This is the Supreme Court term that won’t end. First, it stretches to the final Monday in June. Now, we get a significant followup order to Hobby Lobby on July 3! Lyle has the report. In short, the Court acting under the All Writs Act, enjoined HHS from enforcing the mandate against Wheaton College if Wheaton College provides written notice that they do not wish to comply. The very exemption the Court deemed an alternate for Hobby Lobby, is now waived pending the appeals.

Dissenting from the order, vigorously, was Justice Sotomayor, joined by Justices Ginsburg and Kagan.
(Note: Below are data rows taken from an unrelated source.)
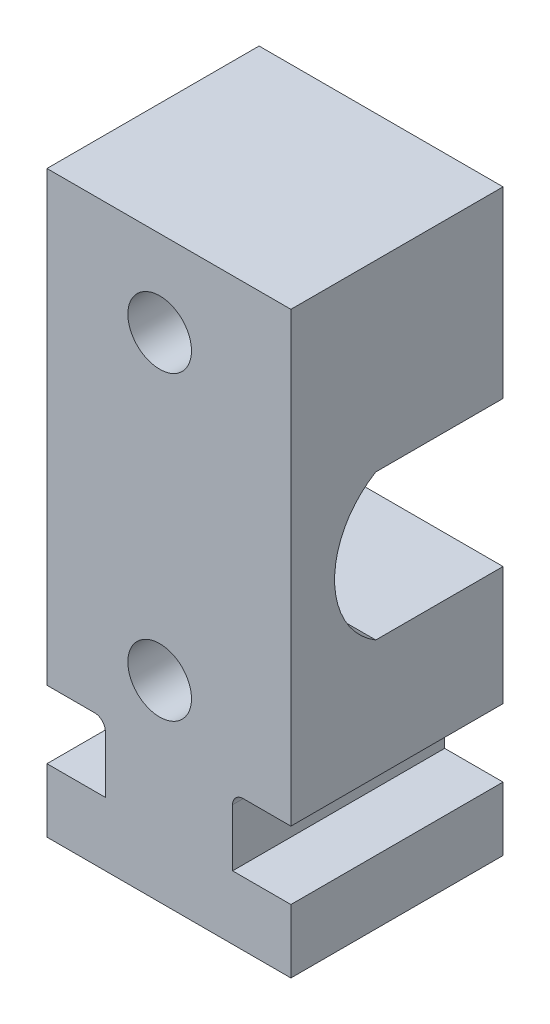
ISO-10303-21;
HEADER;
FILE_DESCRIPTION(('STEP AP214'),'2;1');
FILE_NAME('part.step','',(''),(''),'','','');
FILE_SCHEMA(('AUTOMOTIVE_DESIGN { 1 0 10303 214 1 1 1 1 }'));
ENDSEC;
DATA;
#1=APPLICATION_CONTEXT('core data for automotive mechanical design processes');
#2=APPLICATION_PROTOCOL_DEFINITION('international standard','automotive_design',2000,#1);
#3=PRODUCT_CONTEXT('',#1,'mechanical');
#4=PRODUCT('Part','Part','',(#3));
#5=PRODUCT_RELATED_PRODUCT_CATEGORY('part','',(#4));
#6=PRODUCT_DEFINITION_FORMATION('','',#4);
#7=PRODUCT_DEFINITION_CONTEXT('part definition',#1,'design');
#8=PRODUCT_DEFINITION('design','',#6,#7);
#9=PRODUCT_DEFINITION_SHAPE('','',#8);
#10=(LENGTH_UNIT() NAMED_UNIT(*) SI_UNIT(.MILLI.,.METRE.));
#11=(NAMED_UNIT(*) PLANE_ANGLE_UNIT() SI_UNIT($,.RADIAN.));
#12=(NAMED_UNIT(*) SI_UNIT($,.STERADIAN.) SOLID_ANGLE_UNIT());
#13=UNCERTAINTY_MEASURE_WITH_UNIT(LENGTH_MEASURE(1.E-05),#10,'distance_accuracy_value','');
#14=(GEOMETRIC_REPRESENTATION_CONTEXT(3) GLOBAL_UNCERTAINTY_ASSIGNED_CONTEXT((#13)) GLOBAL_UNIT_ASSIGNED_CONTEXT((#10,
#11,#12)) REPRESENTATION_CONTEXT('',''));
#15=CARTESIAN_POINT('',(0.,0.,0.));
#16=DIRECTION('',(0.,0.,1.));
#17=DIRECTION('',(1.,0.,0.));
#18=AXIS2_PLACEMENT_3D('',#15,#16,#17);
#19=CARTESIAN_POINT('',(115.,0.,100.));
#20=DIRECTION('',(-1.,0.,0.));
#21=DIRECTION('',(0.,0.,1.));
#22=AXIS2_PLACEMENT_3D('',#19,#20,#21);
#23=PLANE('',#22);
#24=DIRECTION('',(0.,0.,-1.));
#25=VECTOR('',#24,1.);
#26=CARTESIAN_POINT('',(115.,118.,100.));
#27=LINE('',#26,#25);
#28=CARTESIAN_POINT('',(115.,118.,60.));
#29=VERTEX_POINT('',#28);
#30=CARTESIAN_POINT('',(115.,118.,0.));
#31=VERTEX_POINT('',#30);
#32=EDGE_CURVE('E57',#29,#31,#27,.T.);
#33=ORIENTED_EDGE('',*,*,#32,.F.);
#34=CARTESIAN_POINT('',(115.,152.29480502863,39.4119853300948));
#35=DIRECTION('',(-1.,0.,0.));
#36=DIRECTION('',(0.,0.,1.));
#37=AXIS2_PLACEMENT_3D('',#34,#35,#36);
#38=CIRCLE('',#37,40.);
#39=CARTESIAN_POINT('',(115.,186.589610057261,60.));
#40=VERTEX_POINT('',#39);
#41=EDGE_CURVE('E58',#40,#29,#38,.F.);
#42=ORIENTED_EDGE('',*,*,#41,.F.);
#43=DIRECTION('',(0.,0.,1.));
#44=VECTOR('',#43,1.);
#45=CARTESIAN_POINT('',(115.,186.589610057261,100.));
#46=LINE('',#45,#44);
#47=CARTESIAN_POINT('',(115.,186.589610057261,0.));
#48=VERTEX_POINT('',#47);
#49=EDGE_CURVE('E180',#48,#40,#46,.T.);
#50=ORIENTED_EDGE('',*,*,#49,.F.);
#51=DIRECTION('',(0.,1.,0.));
#52=VECTOR('',#51,1.);
#53=CARTESIAN_POINT('',(115.,0.,0.));
#54=LINE('',#53,#52);
#55=CARTESIAN_POINT('',(115.,273.,0.));
#56=VERTEX_POINT('',#55);
#57=EDGE_CURVE('E165',#48,#56,#54,.T.);
#58=ORIENTED_EDGE('',*,*,#57,.T.);
#59=DIRECTION('',(0.,0.,-1.));
#60=VECTOR('',#59,1.);
#61=CARTESIAN_POINT('',(115.,273.,100.));
#62=LINE('',#61,#60);
#63=CARTESIAN_POINT('',(115.,273.,100.));
#64=VERTEX_POINT('',#63);
#65=EDGE_CURVE('E279',#64,#56,#62,.T.);
#66=ORIENTED_EDGE('',*,*,#65,.F.);
#67=DIRECTION('',(0.,1.,0.));
#68=VECTOR('',#67,1.);
#69=CARTESIAN_POINT('',(115.,0.,100.));
#70=LINE('',#69,#68);
#71=CARTESIAN_POINT('',(115.,62.,100.));
#72=VERTEX_POINT('',#71);
#73=EDGE_CURVE('E240',#72,#64,#70,.T.);
#74=ORIENTED_EDGE('',*,*,#73,.F.);
#75=DIRECTION('',(0.,0.,-1.));
#76=VECTOR('',#75,1.);
#77=CARTESIAN_POINT('',(115.,62.,100.));
#78=LINE('',#77,#76);
#79=CARTESIAN_POINT('',(115.,62.,0.));
#80=VERTEX_POINT('',#79);
#81=EDGE_CURVE('E278',#72,#80,#78,.T.);
#82=ORIENTED_EDGE('',*,*,#81,.T.);
#83=EDGE_CURVE('E172',#80,#31,#54,.T.);
#84=ORIENTED_EDGE('',*,*,#83,.T.);
#85=EDGE_LOOP('',(#33,#42,#50,#58,#66,#74,#82,#84));
#86=FACE_BOUND('',#85,.T.);
#87=ADVANCED_FACE('F41',(#86),#23,.F.);
#88=CARTESIAN_POINT('',(0.,0.,100.));
#89=DIRECTION('',(-1.,0.,0.));
#90=DIRECTION('',(0.,0.,1.));
#91=AXIS2_PLACEMENT_3D('',#88,#89,#90);
#92=PLANE('',#91);
#93=CARTESIAN_POINT('',(0.,152.29480502863,39.4119853300948));
#94=DIRECTION('',(-1.,0.,0.));
#95=DIRECTION('',(0.,0.,1.));
#96=AXIS2_PLACEMENT_3D('',#93,#94,#95);
#97=CIRCLE('',#96,40.);
#98=CARTESIAN_POINT('',(0.,186.589610057261,60.));
#99=VERTEX_POINT('',#98);
#100=CARTESIAN_POINT('',(0.,118.,60.));
#101=VERTEX_POINT('',#100);
#102=EDGE_CURVE('E11',#99,#101,#97,.F.);
#103=ORIENTED_EDGE('',*,*,#102,.T.);
#104=DIRECTION('',(0.,0.,-1.));
#105=VECTOR('',#104,1.);
#106=CARTESIAN_POINT('',(0.,118.,100.));
#107=LINE('',#106,#105);
#108=CARTESIAN_POINT('',(0.,118.,0.));
#109=VERTEX_POINT('',#108);
#110=EDGE_CURVE('E181',#101,#109,#107,.T.);
#111=ORIENTED_EDGE('',*,*,#110,.T.);
#112=DIRECTION('',(0.,1.,0.));
#113=VECTOR('',#112,1.);
#114=CARTESIAN_POINT('',(0.,0.,0.));
#115=LINE('',#114,#113);
#116=CARTESIAN_POINT('',(0.,62.,0.));
#117=VERTEX_POINT('',#116);
#118=EDGE_CURVE('E269',#117,#109,#115,.T.);
#119=ORIENTED_EDGE('',*,*,#118,.F.);
#120=DIRECTION('',(0.,0.,-1.));
#121=VECTOR('',#120,1.);
#122=CARTESIAN_POINT('',(0.,62.,100.));
#123=LINE('',#122,#121);
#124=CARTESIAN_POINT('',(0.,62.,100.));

Here is the key section:

Indeed, just earlier this week in Burwell v. Hobby Lobby Stores, Inc., ante, at ___, the Court described the accommodation as “a system that seeks to respect the religious liberty of reli- gious nonprofit corporations while ensuring that the em- ployees of these entities have precisely the same access to all [Food and Drug Administration (FDA)]-approved con- traceptives as employees of companies whose owners have no religious objections to providing such coverage.” Ante, at 3. And the Court concluded that the accommodation “constitutes an alternative that achieves all of the Gov- ernment’s aims while providing greater respect for reli- gious liberty.” Ibid. Those who are bound by our decisions usually believe they can take us at our word. Not so to- day. After expressly relying on the availability of the religious-nonprofit accommodation to hold that the contra- ceptive coverage requirement violates RFRA as applied to closely held for-profit corporations, the Court now, as the dissent in Hobby Lobby feared it might, see ante, at 29–30 (GINSBURG, J., dissenting), retreats from that position.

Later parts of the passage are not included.